Answer: [tex]14*\sqrt[3]{x^{10}}[/tex]
Step-by-step explanation:
First, let's remember the rules:
[tex]x^{1/n} = \sqrt[n]{x}[/tex]
such that:
[tex]\sqrt[n]{x^m} = x^{m/n}[/tex]
[tex](x^a)^b = x^{a*b}[/tex]
[tex]x^a*x^b = x^{a + b}[/tex]
Now we have the equation:
[tex]4*\sqrt[3]{x^{10}} + 5*x^3*\sqrt[3]{8*x}[/tex]
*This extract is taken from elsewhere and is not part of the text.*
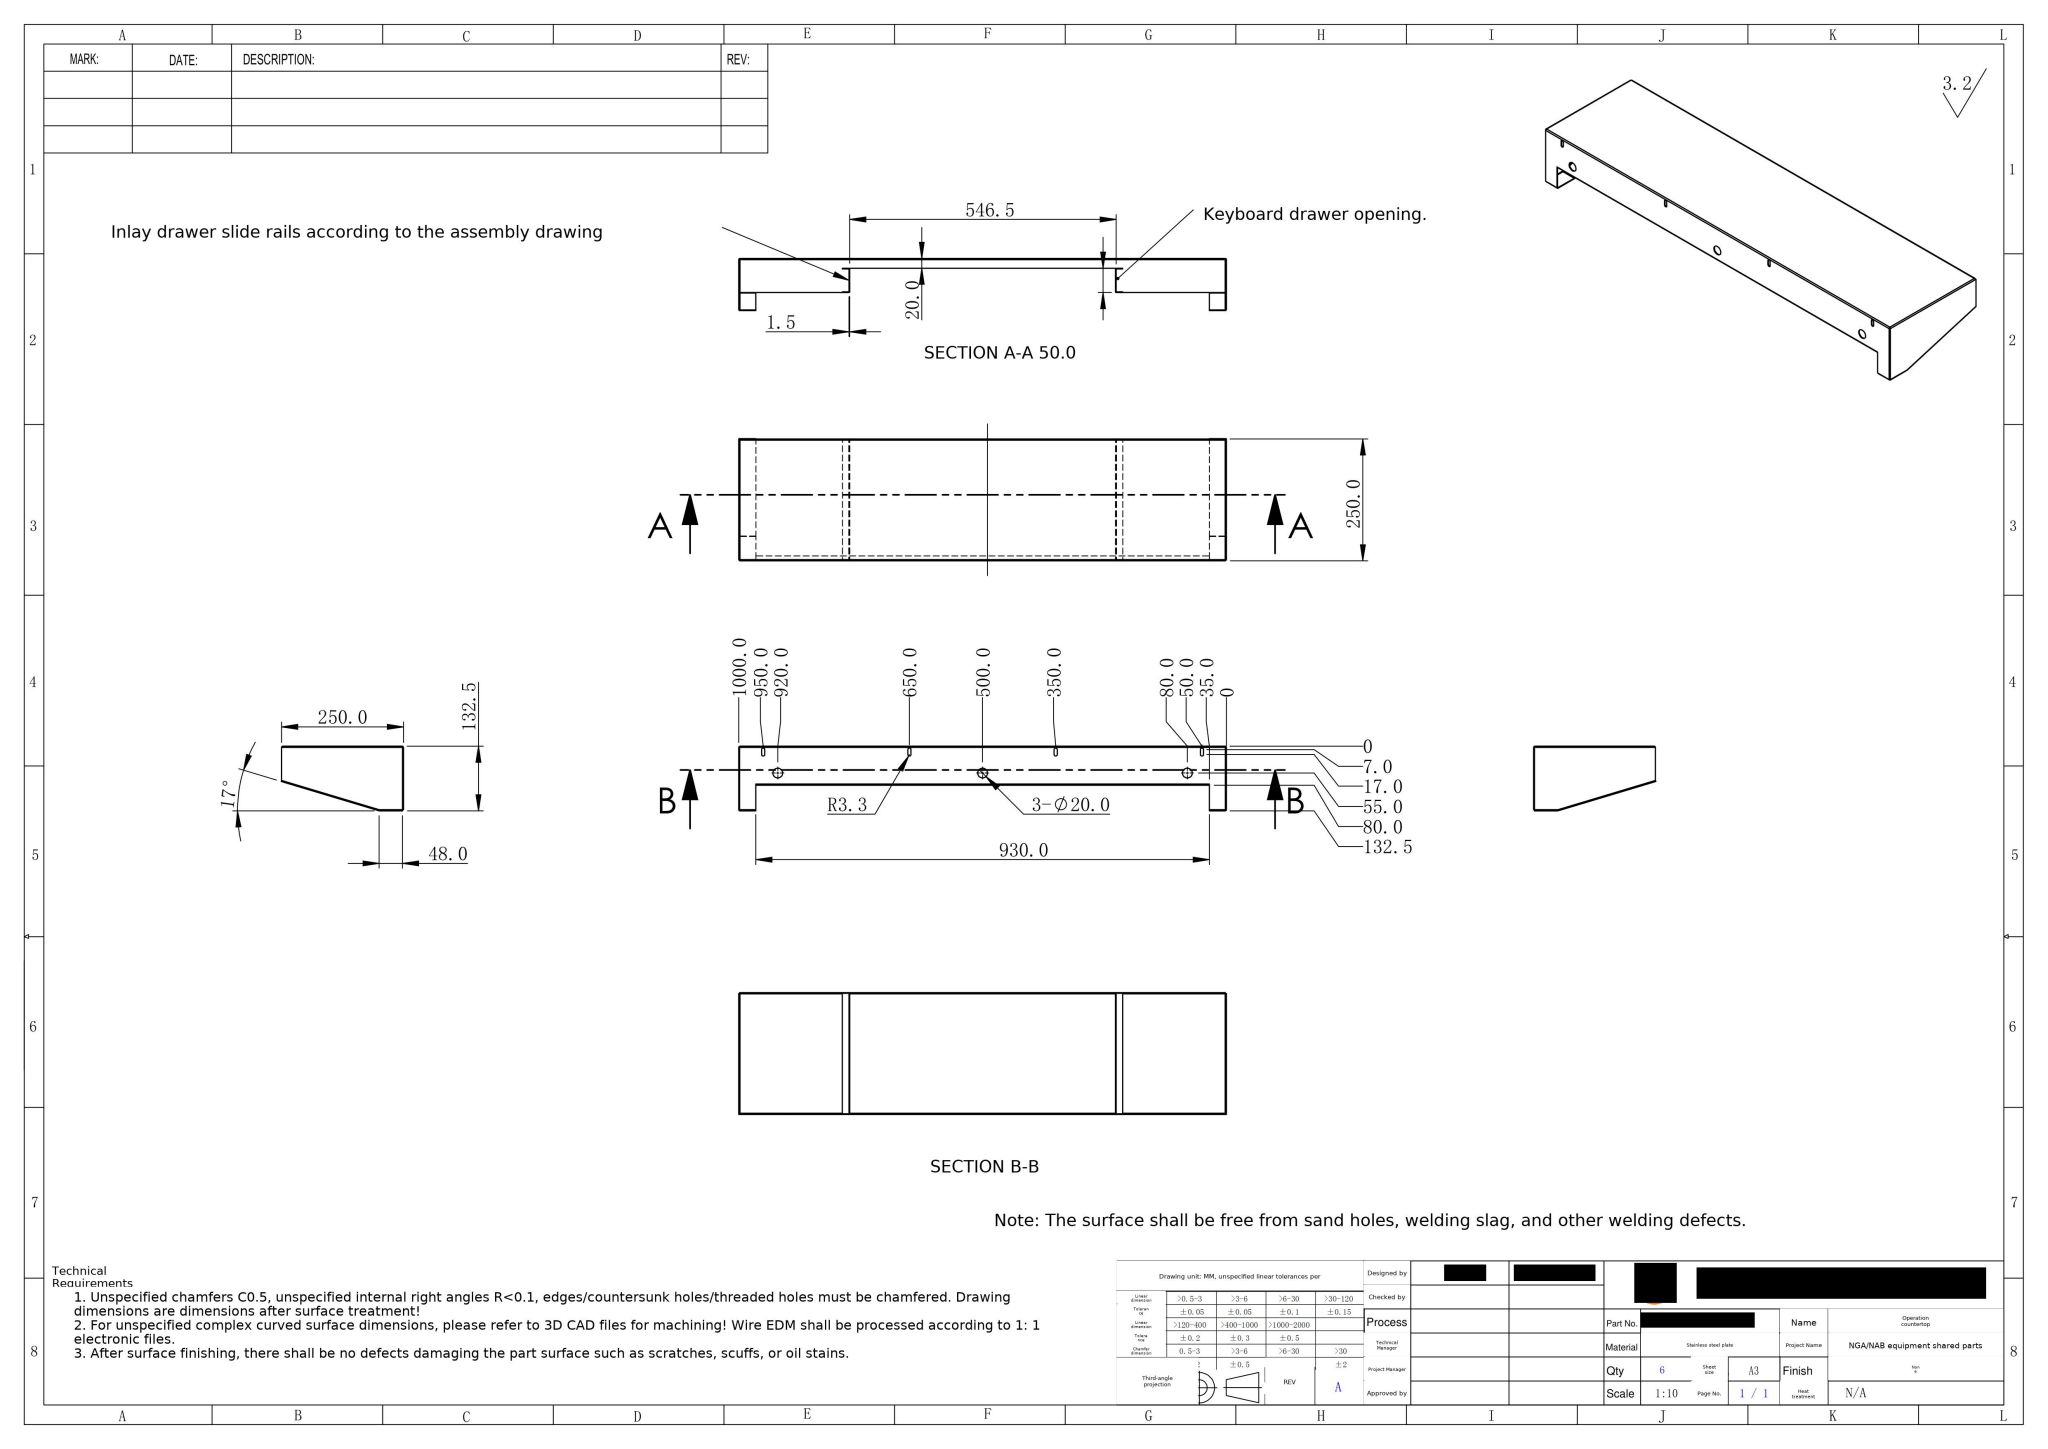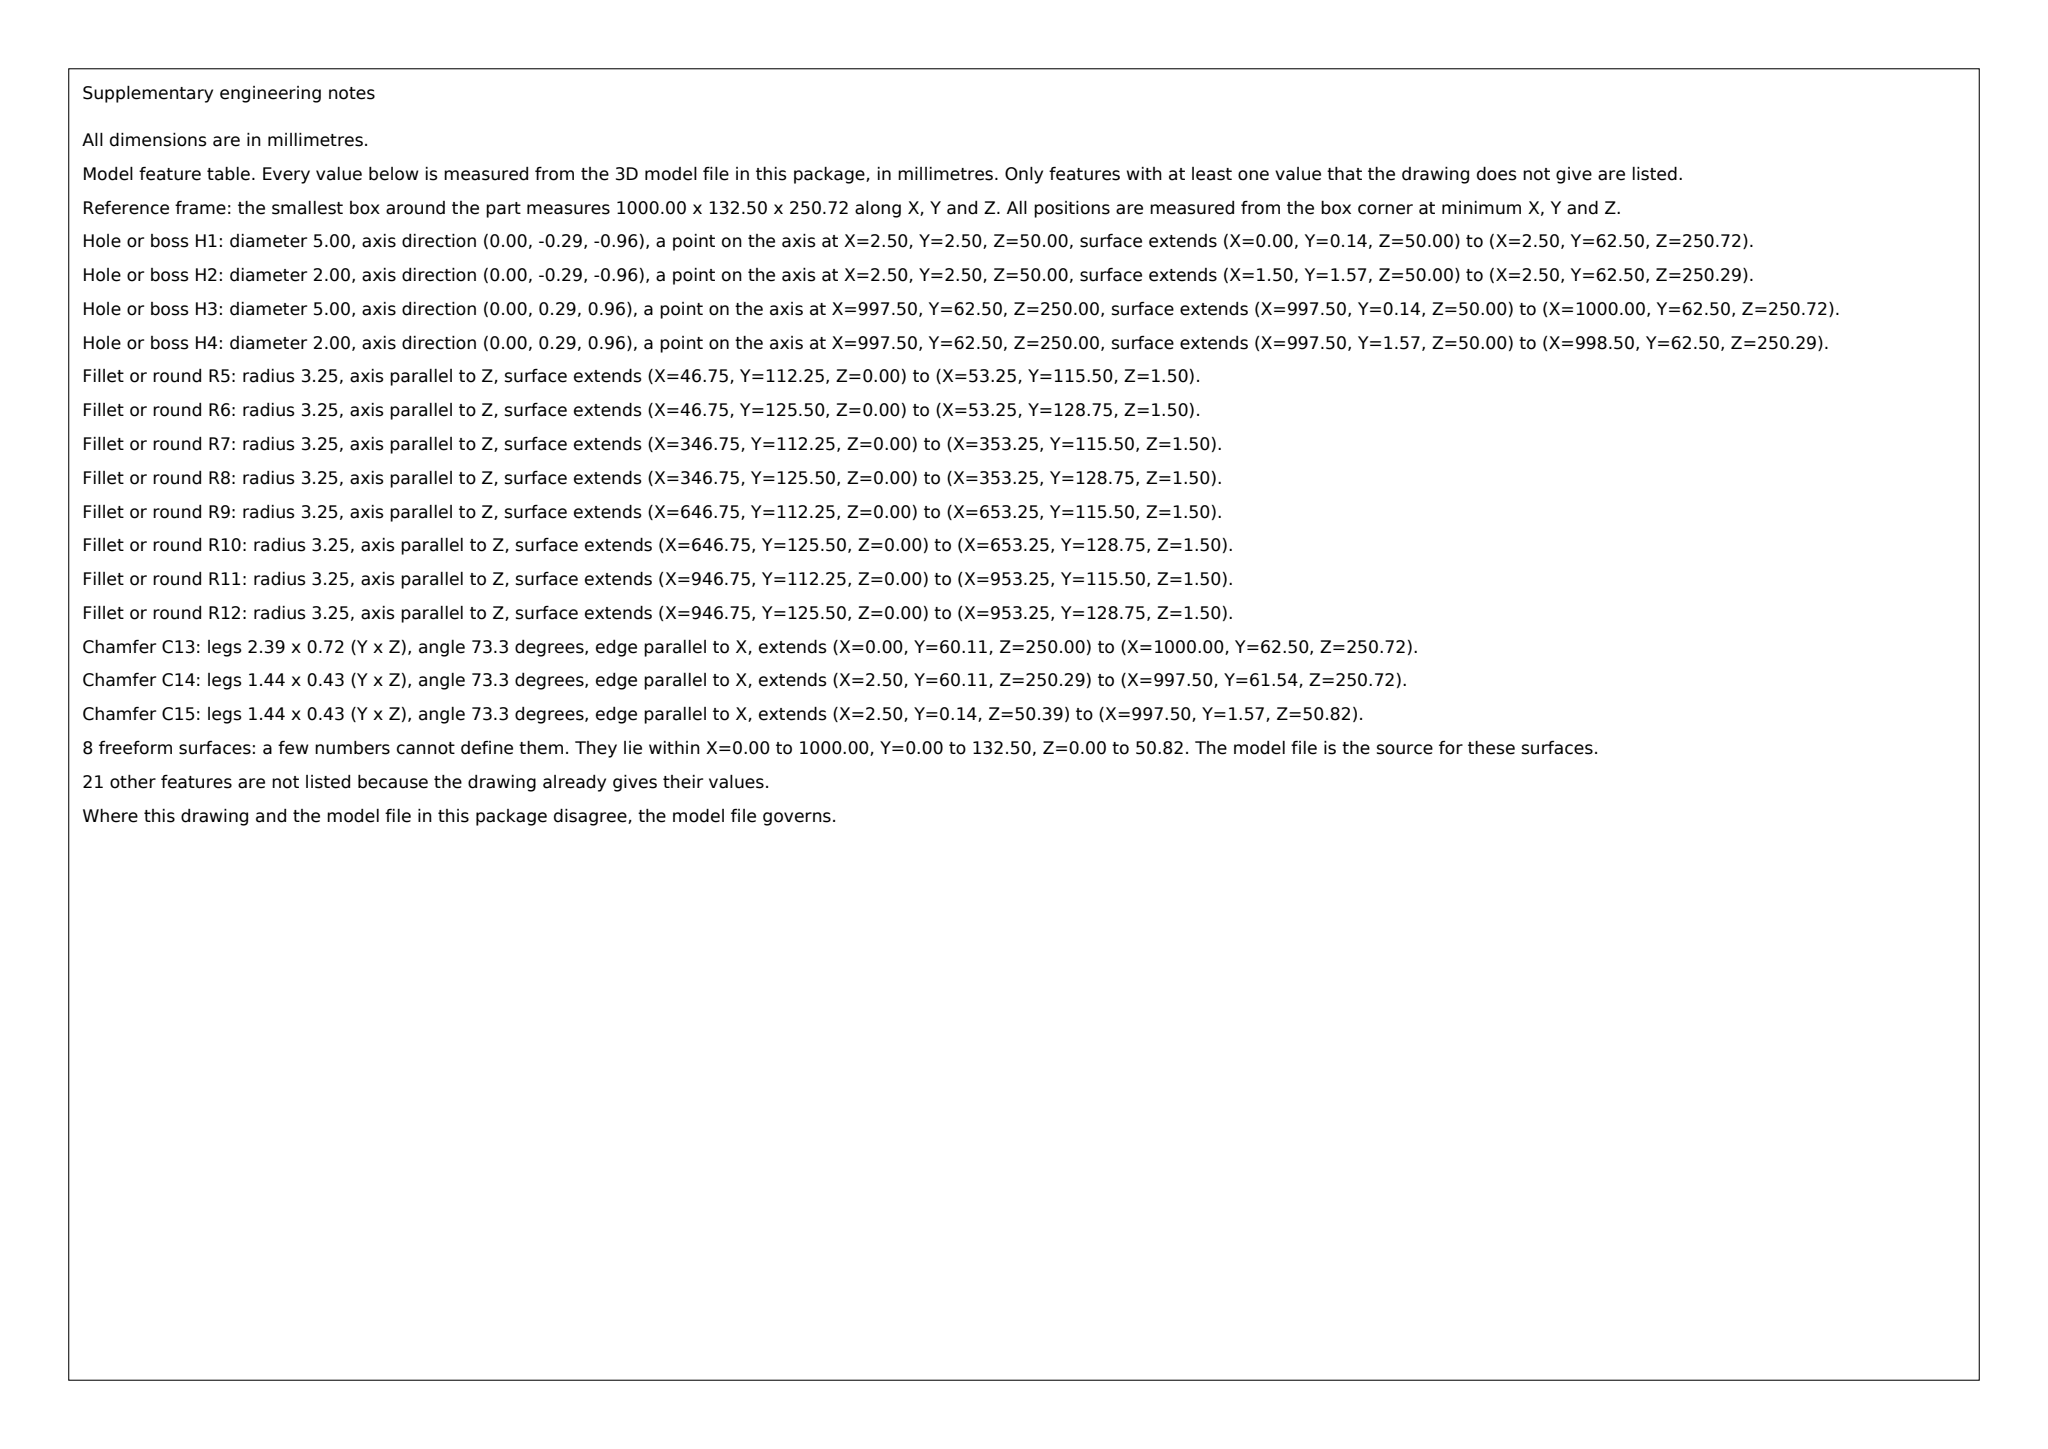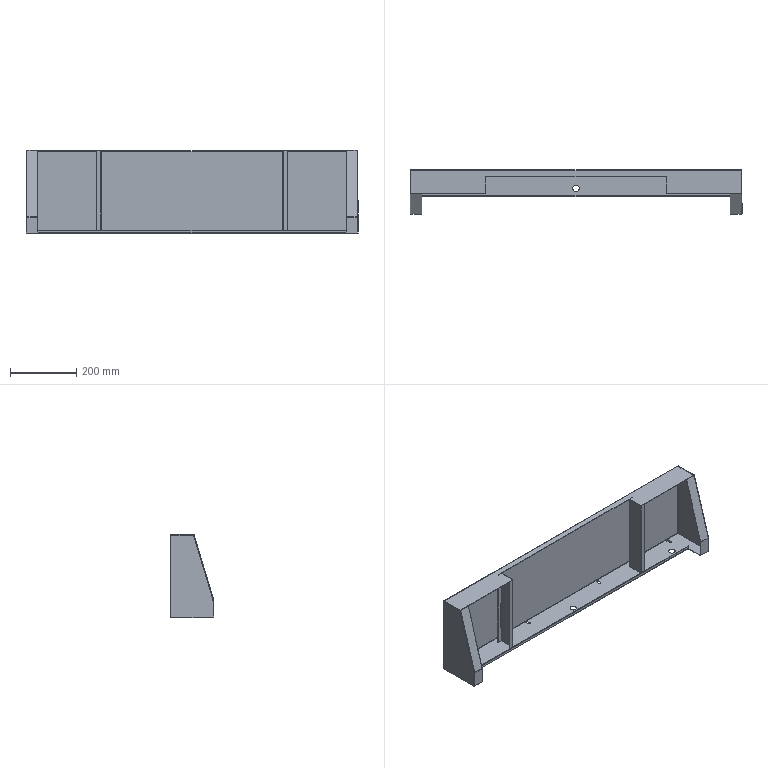Part | SolidWorks | mm | material Stainless steel plate | 1 solid | 129 faces | box 1000 x 132.5 x 250.72 mm | volume 725633 mm3 | plane 84 | cylinder 37 | spline 8 | commonest cylinder face diameters 5 x9 2 x9 6.5 x8 20 x6 4 x5

First, let's rewrite the roots as we saw above:
[tex]4*x^{10/3} + 5*x^3*\sqrt[3]{8}*x^{1/3} = 4*x^{10/3} + 5*\sqrt[3]{8}*x^{3 + 1/3}[/tex]
We also know that: [tex]\sqrt[3]{8} = 2[/tex]
and that: [tex]3 + 1/3 = 9/3 + 1/3 = 10/3[/tex]
Replacing those two things in our equation, we get:
[tex]4*x^{10/3} + 5*\sqrt[3]{8}*x^{3 + 1/3} = 4*x^{10/3} + 5*2*x^{10/3} = (4 + 5*2)*x^{10/3}[/tex]
[tex](4 + 10)*x^{10/3} = 14*\sqrt[3]{x^{10}}[/tex]
Where in the final step, I returned to the cubic root form.